The 45-year-old's conviction was quashed on Wednesday by Court of Appeal judges who ruled that it could not be regarded as safe.

As he left the court Mr Brown, originally from Drumchapel in Glasgow, said he was looking forward to rebuilding his life as quickly as possible.

"I'm a pretty well-balanced, level-headed individual," he told waiting reporters.

"I'm going to take things easy - I fancy a jacuzzi."

Mr Brown was jailed for life in 1977 for killing 51-year-old Manchester spinster Annie Walsh after confessing to the crime.

However, he always claimed he was the victim of a miscarriage of justice because police had bullied him into signing a false confession.

Speaking outside the London court where he won his freedom, he said: "It has been like living in an abyss of hell.

Depth of anger

"It has been an absolute nightmare. That is a bit of a cliché, but words cannot convey what I have been through and what other miscarriage of justice cases are going through."

However, he stressed: "I am not bitter. I am not angry.

"I had a depth of anger and it has diminished.

"The truth prevails and I think over the last 12 or 15 months the whole of Britain knew I was innocent.

"Every prisoner in every prison in Britain knew I was innocent.

"The support I have had from prisoners and some prison staff have been overwhelming."

Mr Brown said he would have to sit down with his lawyers before deciding whether to pursue compensation.

"Money will not compensate me for the loss of my life.

"It will not compensate my mother and it will not compensate the victim or the victim's family.

"They have been forgotten in all this, they have not received justice," he said.

Buried documentation

"Today was not a victory for justice.

"My conviction is an indictment against the whole criminal justice system.

"They buried documentation for almost 20 years that could have cleared my name."

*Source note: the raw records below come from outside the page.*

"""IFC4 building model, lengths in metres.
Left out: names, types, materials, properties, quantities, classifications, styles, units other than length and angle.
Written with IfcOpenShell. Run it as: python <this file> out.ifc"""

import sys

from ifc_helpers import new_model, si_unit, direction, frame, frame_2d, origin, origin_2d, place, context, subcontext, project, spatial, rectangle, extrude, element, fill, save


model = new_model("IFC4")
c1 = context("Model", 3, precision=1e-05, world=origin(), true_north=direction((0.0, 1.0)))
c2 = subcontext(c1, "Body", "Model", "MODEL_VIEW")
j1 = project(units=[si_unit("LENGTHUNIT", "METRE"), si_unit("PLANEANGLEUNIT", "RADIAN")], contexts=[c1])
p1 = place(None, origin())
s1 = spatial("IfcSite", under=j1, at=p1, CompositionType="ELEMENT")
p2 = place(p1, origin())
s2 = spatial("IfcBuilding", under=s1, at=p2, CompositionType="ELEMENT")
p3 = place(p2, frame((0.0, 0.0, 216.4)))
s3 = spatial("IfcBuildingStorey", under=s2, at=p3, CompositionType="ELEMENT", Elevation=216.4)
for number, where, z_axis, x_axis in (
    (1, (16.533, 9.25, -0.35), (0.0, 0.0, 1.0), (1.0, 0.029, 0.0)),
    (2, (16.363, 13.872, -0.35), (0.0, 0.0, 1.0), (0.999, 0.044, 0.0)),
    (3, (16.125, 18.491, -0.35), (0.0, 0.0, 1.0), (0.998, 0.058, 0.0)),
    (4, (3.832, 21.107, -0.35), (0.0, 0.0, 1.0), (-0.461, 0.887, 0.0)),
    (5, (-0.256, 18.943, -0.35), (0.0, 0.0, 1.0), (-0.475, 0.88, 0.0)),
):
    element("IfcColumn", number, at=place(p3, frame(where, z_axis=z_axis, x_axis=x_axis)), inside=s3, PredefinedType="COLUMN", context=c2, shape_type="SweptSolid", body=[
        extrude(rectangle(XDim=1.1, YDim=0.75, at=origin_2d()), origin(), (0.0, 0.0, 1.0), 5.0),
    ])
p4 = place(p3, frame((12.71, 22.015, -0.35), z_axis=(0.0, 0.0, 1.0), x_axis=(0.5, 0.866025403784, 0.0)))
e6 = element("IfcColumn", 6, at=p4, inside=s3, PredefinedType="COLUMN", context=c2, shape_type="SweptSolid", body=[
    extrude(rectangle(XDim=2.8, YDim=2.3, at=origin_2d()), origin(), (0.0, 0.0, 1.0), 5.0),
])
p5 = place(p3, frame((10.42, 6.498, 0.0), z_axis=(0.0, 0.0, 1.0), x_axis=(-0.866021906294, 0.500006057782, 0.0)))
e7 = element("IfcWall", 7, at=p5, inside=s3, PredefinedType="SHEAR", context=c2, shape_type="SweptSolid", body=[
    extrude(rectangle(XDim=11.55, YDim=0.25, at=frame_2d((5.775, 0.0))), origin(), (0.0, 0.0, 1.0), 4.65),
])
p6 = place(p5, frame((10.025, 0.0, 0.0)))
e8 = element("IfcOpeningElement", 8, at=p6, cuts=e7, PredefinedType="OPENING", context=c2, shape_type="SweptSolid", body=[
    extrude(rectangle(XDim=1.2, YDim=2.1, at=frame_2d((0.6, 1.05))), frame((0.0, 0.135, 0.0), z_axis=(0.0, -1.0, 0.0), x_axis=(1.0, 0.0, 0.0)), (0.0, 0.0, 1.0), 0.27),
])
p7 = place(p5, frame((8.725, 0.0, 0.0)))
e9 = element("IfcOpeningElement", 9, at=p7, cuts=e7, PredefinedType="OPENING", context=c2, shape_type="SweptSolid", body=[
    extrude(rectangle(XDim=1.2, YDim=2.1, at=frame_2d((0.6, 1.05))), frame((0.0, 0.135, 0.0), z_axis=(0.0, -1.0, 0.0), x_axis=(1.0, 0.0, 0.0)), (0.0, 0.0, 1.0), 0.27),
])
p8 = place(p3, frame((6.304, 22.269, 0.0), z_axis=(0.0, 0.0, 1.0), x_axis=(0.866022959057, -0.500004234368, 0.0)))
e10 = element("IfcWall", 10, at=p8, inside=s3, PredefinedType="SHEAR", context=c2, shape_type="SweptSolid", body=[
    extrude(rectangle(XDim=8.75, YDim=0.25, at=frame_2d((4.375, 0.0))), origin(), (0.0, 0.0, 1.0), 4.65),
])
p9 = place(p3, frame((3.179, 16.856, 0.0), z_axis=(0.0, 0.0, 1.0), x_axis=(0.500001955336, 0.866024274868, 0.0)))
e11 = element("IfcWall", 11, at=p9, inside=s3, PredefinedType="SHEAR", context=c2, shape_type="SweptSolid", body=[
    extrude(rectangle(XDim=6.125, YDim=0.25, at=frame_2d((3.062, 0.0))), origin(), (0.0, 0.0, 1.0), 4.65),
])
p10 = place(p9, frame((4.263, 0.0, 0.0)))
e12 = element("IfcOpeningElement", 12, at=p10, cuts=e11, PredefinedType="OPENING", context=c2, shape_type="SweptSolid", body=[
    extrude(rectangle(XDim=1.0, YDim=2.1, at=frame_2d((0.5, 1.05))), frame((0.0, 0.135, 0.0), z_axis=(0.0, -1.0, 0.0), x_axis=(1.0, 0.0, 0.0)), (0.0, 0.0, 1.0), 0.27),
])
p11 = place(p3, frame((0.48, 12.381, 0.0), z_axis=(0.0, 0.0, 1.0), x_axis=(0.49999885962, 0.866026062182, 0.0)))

Mr Brown said he would never have given up trying to clear his name.

"I would have fought this for the next 25 years if I'd had to.

"It's nothing to do with freedom, it's to do with justice, liberty and truth."

Mr Brown also paid tribute to his 75-year-old mother Margaret's "loving strength".

"I have just spoken to her. She's overwhelmed by emotion but she's happy and looking forward to us spending some time together.

"They could have let me out on bail in July but they didn't show me any compassion, any humanity even during my mother's illness - and that absolutely disgusted me."